# EVO 9 Quick Cleanup



## magnuz (Feb 7, 2010)

This is my first ever thread on this page so be nice ! hehe

my friend owns a MMC EVO 9 and i decided to shine the engine bay a little bit up

the only 2 items that i used where , spray on tar remover , a prouduct wich is quite alot popular here in iceland due to the massive amounts of tar we get in the winter. and a brush

simply spray it on , scrub what you can with the brush and voila !!


----------



## Guest (Feb 17, 2010)

Looks good, what I would say with regards to using tar remover would be rinse well !! there is a lot of rubber and plastic in there .... the tar remover will eat through it in no time if left sitting !! :thumb:


----------



## ChrisJD (Apr 15, 2009)

A big improvement.

(it was pretty bad to begin with:doublesho)

Chris.


----------



## magnuz (Feb 7, 2010)

TSC-Performance said:


> Looks good, what I would say with regards to using tar remover would be rinse well !! there is a lot of rubber and plastic in there .... the tar remover will eat through it in no time if left sitting !! :thumb:


well actully i mix it with water 50/50 so the effect of the chemical isnt as strong as you might think , and its not even that storng when not waterd down


----------



## Guest (Feb 17, 2010)

magnuz said:


> well actully i mix it with water 50/50 so the effect of the chemical isnt as strong as you might think , and its not even that storng when not waterd down


We have a product called "Autosmart Tardis" over here and I definitley would not put that all over my engine bay !! under the right conditions it can strip paint !!


----------



## magnuz (Feb 7, 2010)

TSC-Performance said:


> We have a product called "Autosmart Tardis" over here and I definitley would not put that all over my engine bay !! under the right conditions it can strip paint !!
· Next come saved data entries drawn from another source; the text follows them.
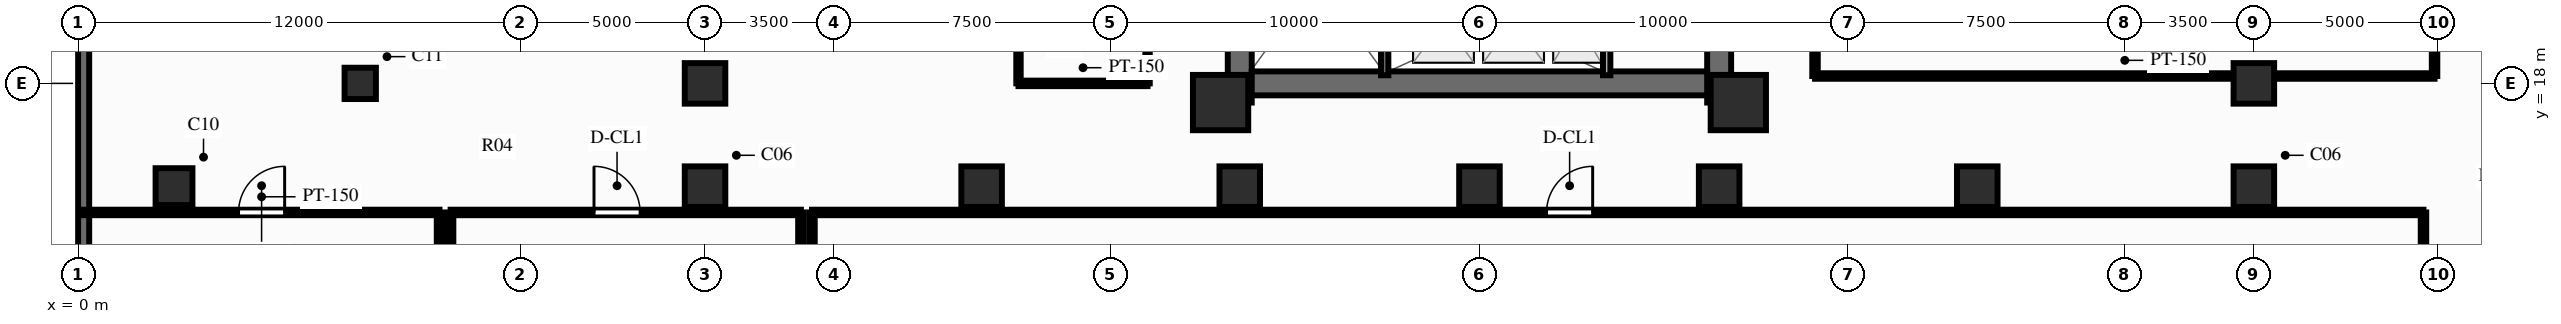
"""IFC4 building model, lengths in metres.
Left out: names, types, materials, properties, quantities, classifications, styles, units other than length and angle.
Written with IfcOpenShell. Run it as: python <this file> out.ifc"""

import sys

from ifc_helpers import new_model, si_unit, direction, frame, frame_2d, origin, origin_2d, place, context, subcontext, project, spatial, rectangle, circle, extrude, source, transform, mapped, element, fill, save


model = new_model("IFC4")
c1 = context("Model", 3, precision=1e-05, world=origin(), true_north=direction((0.0, 1.0)))
c2 = subcontext(c1, "Body", "Model", "MODEL_VIEW")
j1 = project(units=[si_unit("LENGTHUNIT", "METRE"), si_unit("PLANEANGLEUNIT", "RADIAN")], contexts=[c1])
p1 = place(None, origin())
s1 = spatial("IfcSite", under=j1, at=p1, CompositionType="ELEMENT")
p2 = place(p1, origin())
s2 = spatial("IfcBuilding", under=s1, at=p2, CompositionType="ELEMENT")
p3 = place(p2, frame((0.0, 0.0, 11.4)))
s3 = spatial("IfcBuildingStorey", under=s2, at=p3, CompositionType="ELEMENT", Elevation=11.4)
p4 = place(p3, frame((31.5, 17.48, 0.0), z_axis=(0.0, 0.0, 1.0), x_axis=(0.0, 1.0, 0.0)))
e1 = element("IfcWall", 1, at=p4, inside=s3, PredefinedType="SHEAR", context=c2, shape_type="SweptSolid", body=[
    extrude(rectangle(XDim=19.04, YDim=0.65, at=frame_2d((9.52, 0.0))), origin(), (0.0, 0.0, 1.0), 3.6),
])
p5 = place(p4, frame((6.32, 0.0, 0.0)))
e2 = element("IfcOpeningElement", 2, at=p5, cuts=e1, PredefinedType="OPENING", context=c2, shape_type="SweptSolid", body=[
    extrude(rectangle(XDim=1.1, YDim=2.15, at=frame_2d((0.55, 1.075))), frame((0.0, 0.337, 0.0), z_axis=(0.0, -1.0, 0.0), x_axis=(1.0, 0.0, 0.0)), (0.0, 0.0, 1.0), 0.674),
])
p6 = place(p3, frame((44.5, 17.48, 0.0), z_axis=(0.0, 0.0, 1.0), x_axis=(0.0, 1.0, 0.0)))
e3 = element("IfcWall", 3, at=p6, inside=s3, PredefinedType="SHEAR", context=c2, shape_type="SweptSolid", body=[
    extrude(rectangle(XDim=19.04, YDim=0.65, at=frame_2d((9.52, 0.0))), origin(), (0.0, 0.0, 1.0), 3.6),
])
p7 = place(p6, frame((12.67, 0.0, 0.0), z_axis=(0.0, 0.0, 1.0), x_axis=(-1.0, 0.0, 0.0)))
e4 = element("IfcOpeningElement", 4, at=p7, cuts=e3, PredefinedType="OPENING", context=c2, shape_type="SweptSolid", body=[
    extrude(rectangle(XDim=1.1, YDim=2.15, at=frame_2d((0.55, 1.075))), frame((0.0, 0.337, 0.0), z_axis=(0.0, -1.0, 0.0), x_axis=(1.0, 0.0, 0.0)), (0.0, 0.0, 1.0), 0.674),
])
p8 = place(p3, frame((31.825, 18.0, 0.0), z_axis=(0.0, 0.0, 1.0), x_axis=(1.0, 0.0, 0.0)))
e5 = element("IfcWall", 5, at=p8, inside=s3, PredefinedType="SHEAR", context=c2, shape_type="SweptSolid", body=[
    extrude(rectangle(XDim=12.35, YDim=0.65, at=frame_2d((6.175, 0.0))), origin(), (0.0, 0.0, 1.0), 3.6),
])
m1 = source(origin(), c2, "Body", "SweptSolid", [
    extrude(rectangle(XDim=1.5, YDim=1.5, at=origin_2d()), origin(), (0.0, 0.0, 1.0), 3.6),
])
for number, where, z_axis, x_axis in (
    (6, (30.98, 17.48, 0.0), (0.0, 0.0, 1.0), (1.0, 0.0, 0.0)),
    (7, (45.02, 17.48, 0.0), (0.0, 0.0, 1.0), (1.0, 0.0, 0.0)),
):
    element("IfcColumn", number, at=place(p3, frame(where, z_axis=z_axis, x_axis=x_axis)), inside=s3, PredefinedType="COLUMN", context=c2, shape_type="MappedRepresentation", body=[
        mapped(m1, transform((0.0, 0.0, 0.0), scale=1.0)),
    ])
m2 = source(origin(), c2, "Body", "SweptSolid", [
    extrude(circle(Radius=0.5, at=origin_2d()), origin(), (0.0, 0.0, 1.0), 3.6),
])
p9 = place(p3, frame((2.6, 15.2, 0.0), z_axis=(0.0, 0.0, 1.0), x_axis=(1.0, 0.0, 0.0)))
e8 = element("IfcColumn", 8, at=p9, inside=s3, PredefinedType="COLUMN", context=c2, shape_type="MappedRepresentation", body=[
    mapped(m2, transform((0.0, 0.0, 0.0), scale=1.0)),
])
m3 = source(origin(), c2, "Body", "SweptSolid", [
    extrude(circle(Radius=0.425, at=origin_2d()), origin(), (0.0, 0.0, 1.0), 3.6),
])
p10 = place(p3, frame((7.65, 18.0, 0.0), z_axis=(0.0, 0.0, 1.0), x_axis=(1.0, 0.0, 0.0)))
e9 = element("IfcColumn", 9, at=p10, inside=s3, PredefinedType="COLUMN", context=c2, shape_type="MappedRepresentation", body=[
    mapped(m3, transform((0.0, 0.0, 0.0), scale=1.0)),
])
m4 = source(origin(), c2, "Body", "SweptSolid", [
    extrude(rectangle(XDim=1.1, YDim=1.1, at=origin_2d()), origin(), (0.0, 0.0, 1.0), 3.6),
])
for number, where, z_axis, x_axis in (
    (10, (17.0, 15.2, 0.0), (0.0, 0.0, 1.0), (1.0, 0.0, 0.0)),
    (11, (59.0, 15.2, 0.0), (0.0, 0.0, 1.0), (1.0, 0.0, 0.0)),
    (12, (17.0, 18.0, 0.0), (0.0, 0.0, 1.0), (1.0, 0.0, 0.0)),
    (13, (59.0, 18.0, 0.0), (0.0, 0.0, 1.0), (1.0, 0.0, 0.0)),
    (14, (24.5, 15.2, 0.0), (0.0, 0.0, 1.0), (1.0, 0.0, 0.0)),
    (15, (31.5, 15.2, 0.0), (0.0, 0.0, 1.0), (1.0, 0.0, 0.0)),
    (16, (38.0, 15.2, 0.0), (0.0, 0.0, 1.0), (1.0, 0.0, 0.0)),
    (17, (44.5, 15.2, 0.0), (0.0, 0.0, 1.0), (1.0, 0.0, 0.0)),
    (18, (51.5, 15.2, 0.0), (0.0, 0.0, 1.0), (1.0, 0.0, 0.0)),
):
    element("IfcColumn", number, at=place(p3, frame(where, z_axis=z_axis, x_axis=x_axis)), inside=s3, PredefinedType="COLUMN", context=c2, shape_type="MappedRepresentation", body=[
        mapped(m4, transform((0.0, 0.0, 0.0), scale=1.0)),
    ])
p11 = place(p3, frame((0.15, 0.0, 0.0), z_axis=(0.0, 0.0, 1.0), x_axis=(0.0, 1.0, 0.0)))
e19 = element("IfcWall", 19, at=p11, inside=s3, PredefinedType="SOLIDWALL", context=c2, shape_type="SweptSolid", body=[
    extrude(rectangle(XDim=54.0, YDim=0.3, at=frame_2d((27.0, 0.0))), origin(), (0.0, 0.0, 1.0), 2.88),
])
p12 = place(p11, frame((6.405, 0.0, 0.85)))
e20 = element("IfcOpeningElement", 20, at=p12, cuts=e19, PredefinedType="OPENING", context=c2, shape_type="SweptSolid", body=[
    extrude(rectangle(XDim=1.8, YDim=1.65, at=frame_2d((0.9, 0.825))), frame((0.0, 0.162, 0.0), z_axis=(0.0, -1.0, 0.0), x_axis=(1.0, 0.0, 0.0)), (0.0, 0.0, 1.0), 0.324),
])
p13 = place(p11, frame((26.045, 0.0, 0.85)))
e21 = element("IfcOpeningElement", 21, at=p13, cuts=e19, PredefinedType="OPENING", context=c2, shape_type="SweptSolid", body=[
    extrude(rectangle(XDim=1.8, YDim=1.65, at=frame_2d((0.9, 0.825))), frame((0.0, 0.162, 0.0), z_axis=(0.0, -1.0, 0.0), x_axis=(1.0, 0.0, 0.0)), (0.0, 0.0, 1.0), 0.324),
])
p14 = place(p3, frame((41.45, 18.22, 0.0), z_axis=(0.0, 0.0, 1.0), x_axis=(0.0, 1.0, 0.0)))
e22 = element("IfcWall", 22, at=p14, inside=s3, PredefinedType="PARTITIONING", context=c2, shape_type="SweptSolid", body=[
    extrude(rectangle(XDim=2.96, YDim=0.2, at=frame_2d((1.48, 0.0))), origin(), (0.0, 0.0, 1.0), 3.25),
])
p15 = place(p3, frame((35.43, 18.22, 0.0), z_axis=(0.0, 0.0, 1.0), x_axis=(0.0, 1.0, 0.0)))
e23 = element("IfcWall", 23, at=p15, inside=s3, PredefinedType="SOLIDWALL", context=c2, shape_type="SweptSolid", body=[
    extrude(rectangle(XDim=7.22, YDim=0.2, at=frame_2d((3.61, 0.0))), origin(), (0.0, 0.0, 1.0), 3.25),
])
p16 = place(p15, frame((6.68, 0.0, 0.0), z_axis=(0.0, 0.0, 1.0), x_axis=(-1.0, 0.0, 0.0)))
e24 = element("IfcOpeningElement", 24, at=p16, cuts=e23, PredefinedType="OPENING", context=c2, shape_type="SweptSolid", body=[
    extrude(rectangle(XDim=1.1, YDim=2.15, at=frame_2d((0.55, 1.075))), frame((0.0, 0.112, 0.0), z_axis=(0.0, -1.0, 0.0), x_axis=(1.0, 0.0, 0.0)), (0.0, 0.0, 1.0), 0.224),
])
p17 = place(p3, frame((25.5, 18.0, 0.0), z_axis=(0.0, 0.0, 1.0), x_axis=(0.0, 1.0, 0.0)))
e25 = element("IfcWall", 25, at=p17, inside=s3, PredefinedType="PARTITIONING", context=c2, shape_type="SweptSolid", body=[
    extrude(rectangle(XDim=18.0, YDim=0.12, at=frame_2d((9.0, 0.0))), origin(), (0.0, 0.0, 1.0), 3.25),
])
p18 = place(p3, frame((29.0, 18.0, 0.0), z_axis=(0.0, 0.0, 1.0), x_axis=(0.0, 1.0, 0.0)))
e26 = element("IfcWall", 26, at=p18, inside=s3, PredefinedType="PARTITIONING", context=c2, shape_type="SweptSolid", body=[
    extrude(rectangle(XDim=4.0, YDim=0.12, at=frame_2d((2.0, 0.0))), origin(), (0.0, 0.0, 1.0), 3.25),
])
p19 = place(p18, frame((1.55, 0.0, 0.0)))
e27 = element("IfcOpeningElement", 27, at=p19, cuts=e26, PredefinedType="OPENING", context=c2, shape_type="SweptSolid", body=[
    extrude(rectangle(XDim=0.9, YDim=2.1, at=frame_2d((0.45, 1.05))), frame((0.0, 0.072, 0.0), z_axis=(0.0, -1.0, 0.0), x_axis=(1.0, 0.0, 0.0)), (0.0, 0.0, 1.0), 0.144),
])
p20 = place(p3, frame((25.5, 18.0, 0.0), z_axis=(0.0, 0.0, 1.0), x_axis=(1.0, 0.0, 0.0)))
e28 = element("IfcWall", 28, at=p20, inside=s3, PredefinedType="PARTITIONING", context=c2, shape_type="SweptSolid", body=[
    extrude(rectangle(XDim=3.5, YDim=0.15, at=frame_2d((1.75, 0.0))), origin(), (0.0, 0.0, 1.0), 2.69),
])
p21 = place(p3, frame((0.15, 14.5, 0.0), z_axis=(0.0, 0.0, 1.0), x_axis=(1.0, 0.0, 0.0)))
e29 = element("IfcWall", 29, at=p21, inside=s3, PredefinedType="PARTITIONING", context=c2, shape_type="SweptSolid", body=[
    extrude(rectangle(XDim=9.65, YDim=0.15, at=frame_2d((4.825, 0.0))), origin(), (0.0, 0.0, 1.0), 3.25),
])
p22 = place(p21, frame((4.2, 0.0, 0.0)))
e30 = element("IfcOpeningElement", 30, at=p22, cuts=e29, PredefinedType="OPENING", context=c2, shape_type="SweptSolid", body=[
    extrude(rectangle(XDim=1.25, YDim=2.15, at=frame_2d((0.625, 1.075))), frame((0.0, 0.087, 0.0), z_axis=(0.0, -1.0, 0.0), x_axis=(1.0, 0.0, 0.0)), (0.0, 0.0, 1.0), 0.174),
])
p23 = place(p3, frame((9.8, 0.1, 0.0), z_axis=(0.0, 0.0, 1.0), x_axis=(0.0, 1.0, 0.0)))
e31 = element("IfcWall", 31, at=p23, inside=s3, PredefinedType="PARTITIONING", context=c2, shape_type="SweptSolid", body=[
    extrude(rectangle(XDim=14.4, YDim=0.15, at=frame_2d((7.2, 0.0))), origin(), (0.0, 0.0, 1.0), 3.25),
])
p24 = place(p3, frame((10.1, 14.5, 0.0), z_axis=(0.0, 0.0, 1.0), x_axis=(1.0, 0.0, 0.0)))
e32 = element("IfcWall", 32, at=p24, inside=s3, PredefinedType="PARTITIONING", context=c2, shape_type="SweptSolid", body=[
    extrude(rectangle(XDim=9.5, YDim=0.15, at=frame_2d((4.75, 0.0))), origin(), (0.0, 0.0, 1.0), 3.25),
])
p25 = place(p24, frame((3.889, 0.0, 0.0)))
e33 = element("IfcOpeningElement", 33, at=p25, cuts=e32, PredefinedType="OPENING", context=c2, shape_type="SweptSolid", body=[
    extrude(rectangle(XDim=1.25, YDim=2.15, at=frame_2d((0.625, 1.075))), frame((0.0, 0.087, 0.0), z_axis=(0.0, -1.0, 0.0), x_axis=(1.0, 0.0, 0.0)), (0.0, 0.0, 1.0), 0.174),
])
for number, where, z_axis, x_axis in (
    (34, (10.1, 0.1, 0.0), (0.0, 0.0, 1.0), (0.0, 1.0, 0.0)),
    (35, (19.6, 0.1, 0.0), (0.0, 0.0, 1.0), (0.0, 1.0, 0.0)),
):
    element("IfcWall", number, at=place(p3, frame(where, z_axis=z_axis, x_axis=x_axis)), inside=s3, PredefinedType="PARTITIONING", context=c2, shape_type="SweptSolid", body=[
        extrude(rectangle(XDim=14.4, YDim=0.15, at=frame_2d((7.2, 0.0))), origin(), (0.0, 0.0, 1.0), 3.25),
    ])
p26 = place(p3, frame((19.9, 14.5, 0.0), z_axis=(0.0, 0.0, 1.0), x_axis=(1.0, 0.0, 0.0)))
e36 = element("IfcWall", 36, at=p26, inside=s3, PredefinedType="PARTITIONING", context=c2, shape_type="SweptSolid", body=[
    extrude(rectangle(XDim=43.7, YDim=0.15, at=frame_2d((21.85, 0.0))), origin(), (0.0, 0.0, 1.0), 3.25),
])
p27 = place(p26, frame((19.92, 0.0, 0.0)))
e37 = element("IfcOpeningElement", 37, at=p27, cuts=e36, PredefinedType="OPENING", context=c2, shape_type="SweptSolid", body=[
    extrude(rectangle(XDim=1.25, YDim=2.15, at=frame_2d((0.625, 1.075))), frame((0.0, 0.087, 0.0), z_axis=(0.0, -1.0, 0.0), x_axis=(1.0, 0.0, 0.0)), (0.0, 0.0, 1.0), 0.174),
])
for number, where, z_axis, x_axis in (
    (38, (19.9, 0.1, 0.0), (0.0, 0.0, 1.0), (0.0, 1.0, 0.0)),
    (39, (63.6, 0.1, 0.0), (0.0, 0.0, 1.0), (0.0, 1.0, 0.0)),
):
    element("IfcWall", number, at=place(p3, frame(where, z_axis=z_axis, x_axis=x_axis)), inside=s3, PredefinedType="PARTITIONING", context=c2, shape_type="SweptSolid", body=[
        extrude(rectangle(XDim=14.4, YDim=0.15, at=frame_2d((7.2, 0.0))), origin(), (0.0, 0.0, 1.0), 3.25),
    ])
p28 = place(p3, frame((47.1, 18.2, 0.0), z_axis=(0.0, 0.0, 1.0), x_axis=(1.0, 0.0, 0.0)))
e40 = element("IfcWall", 40, at=p28, inside=s3, PredefinedType="PARTITIONING", context=c2, shape_type="SweptSolid", body=[
    extrude(rectangle(XDim=16.8, YDim=0.15, at=frame_2d((8.4, 0.0))), origin(), (0.0, 0.0, 1.0), 3.25),
])
p29 = place(p3, frame((47.1, 18.2, 0.0), z_axis=(0.0, 0.0, 1.0), x_axis=(0.0, 1.0, 0.0)))
e41 = element("IfcWall", 41, at=p29, inside=s3, PredefinedType="PARTITIONING", context=c2, shape_type="SweptSolid", body=[
    extrude(rectangle(XDim=17.6, YDim=0.15, at=frame_2d((8.8, 0.0))), origin(), (0.0, 0.0, 1.0), 3.25),
])
p30 = place(p3, frame((63.9, 18.2, 0.0), z_axis=(0.0, 0.0, 1.0), x_axis=(0.0, 1.0, 0.0)))
e42 = element("IfcWall", 42, at=p30, inside=s3, PredefinedType="PARTITIONING", context=c2, shape_type="SweptSolid", body=[
    extrude(rectangle(XDim=17.6, YDim=0.15, at=frame_2d((8.8, 0.0))), origin(), (0.0, 0.0, 1.0), 3.25),
])
p31 = place(p30, frame((7.686, 0.0, 0.0)))
e43 = element("IfcOpeningElement", 43, at=p31, cuts=e42, PredefinedType="OPENING", context=c2, shape_type="SweptSolid", body=[
    extrude(rectangle(XDim=1.25, YDim=2.15, at=frame_2d((0.625, 1.075))), frame((0.0, 0.087, 0.0), z_axis=(0.0, -1.0, 0.0), x_axis=(1.0, 0.0, 0.0)), (0.0, 0.0, 1.0), 0.174),
])
m5 = source(origin(), c2, "Body", "SweptSolid", [
    extrude(rectangle(XDim=1.25, YDim=2.15, at=frame_2d((0.625, 1.075))), frame((0.0, 0.025, 0.0), z_axis=(0.0, -1.0, 0.0), x_axis=(1.0, 0.0, 0.0)), (0.0, 0.0, 1.0), 0.05),
])
p32 = place(p22, origin())
e44 = element("IfcDoor", 44, at=p32, inside=s3, OperationType="SINGLE_SWING_RIGHT", PredefinedType="DOOR", context=c2, shape_type="MappedRepresentation", body=[
    mapped(m5, transform((0.0, 0.0, 0.0), scale=1.0)),
])
fill(e30, e44)
p33 = place(p25, origin())
e45 = element("IfcDoor", 45, at=p33, inside=s3, OperationType="SINGLE_SWING_LEFT", PredefinedType="DOOR", context=c2, shape_type="MappedRepresentation", body=[
    mapped(m5, transform((0.0, 0.0, 0.0), scale=1.0)),
])
fill(e33, e45)
p34 = place(p27, origin())
e46 = element("IfcDoor", 46, at=p34, inside=s3, OperationType="SINGLE_SWING_RIGHT", PredefinedType="DOOR", context=c2, shape_type="MappedRepresentation", body=[
    mapped(m5, transform((0.0, 0.0, 0.0), scale=1.0)),
])
fill(e37, e46)
save(model, sys.argv[1])

hehe , well , this one is most defenetly 100% paint safe , used for i think many decates over here anyways 

best thing about this method , it takes less then 30 min to clean the engine bay !


----------



## GlynRS2 (Jan 21, 2006)

Looks much better now - great work :thumb:


----------



## TurbochargedJJ (Dec 10, 2009)

looks cleaner but i'd be tempted to shine up all the black plastic bits with tyre shine stuff or trim restorer stuff.


----------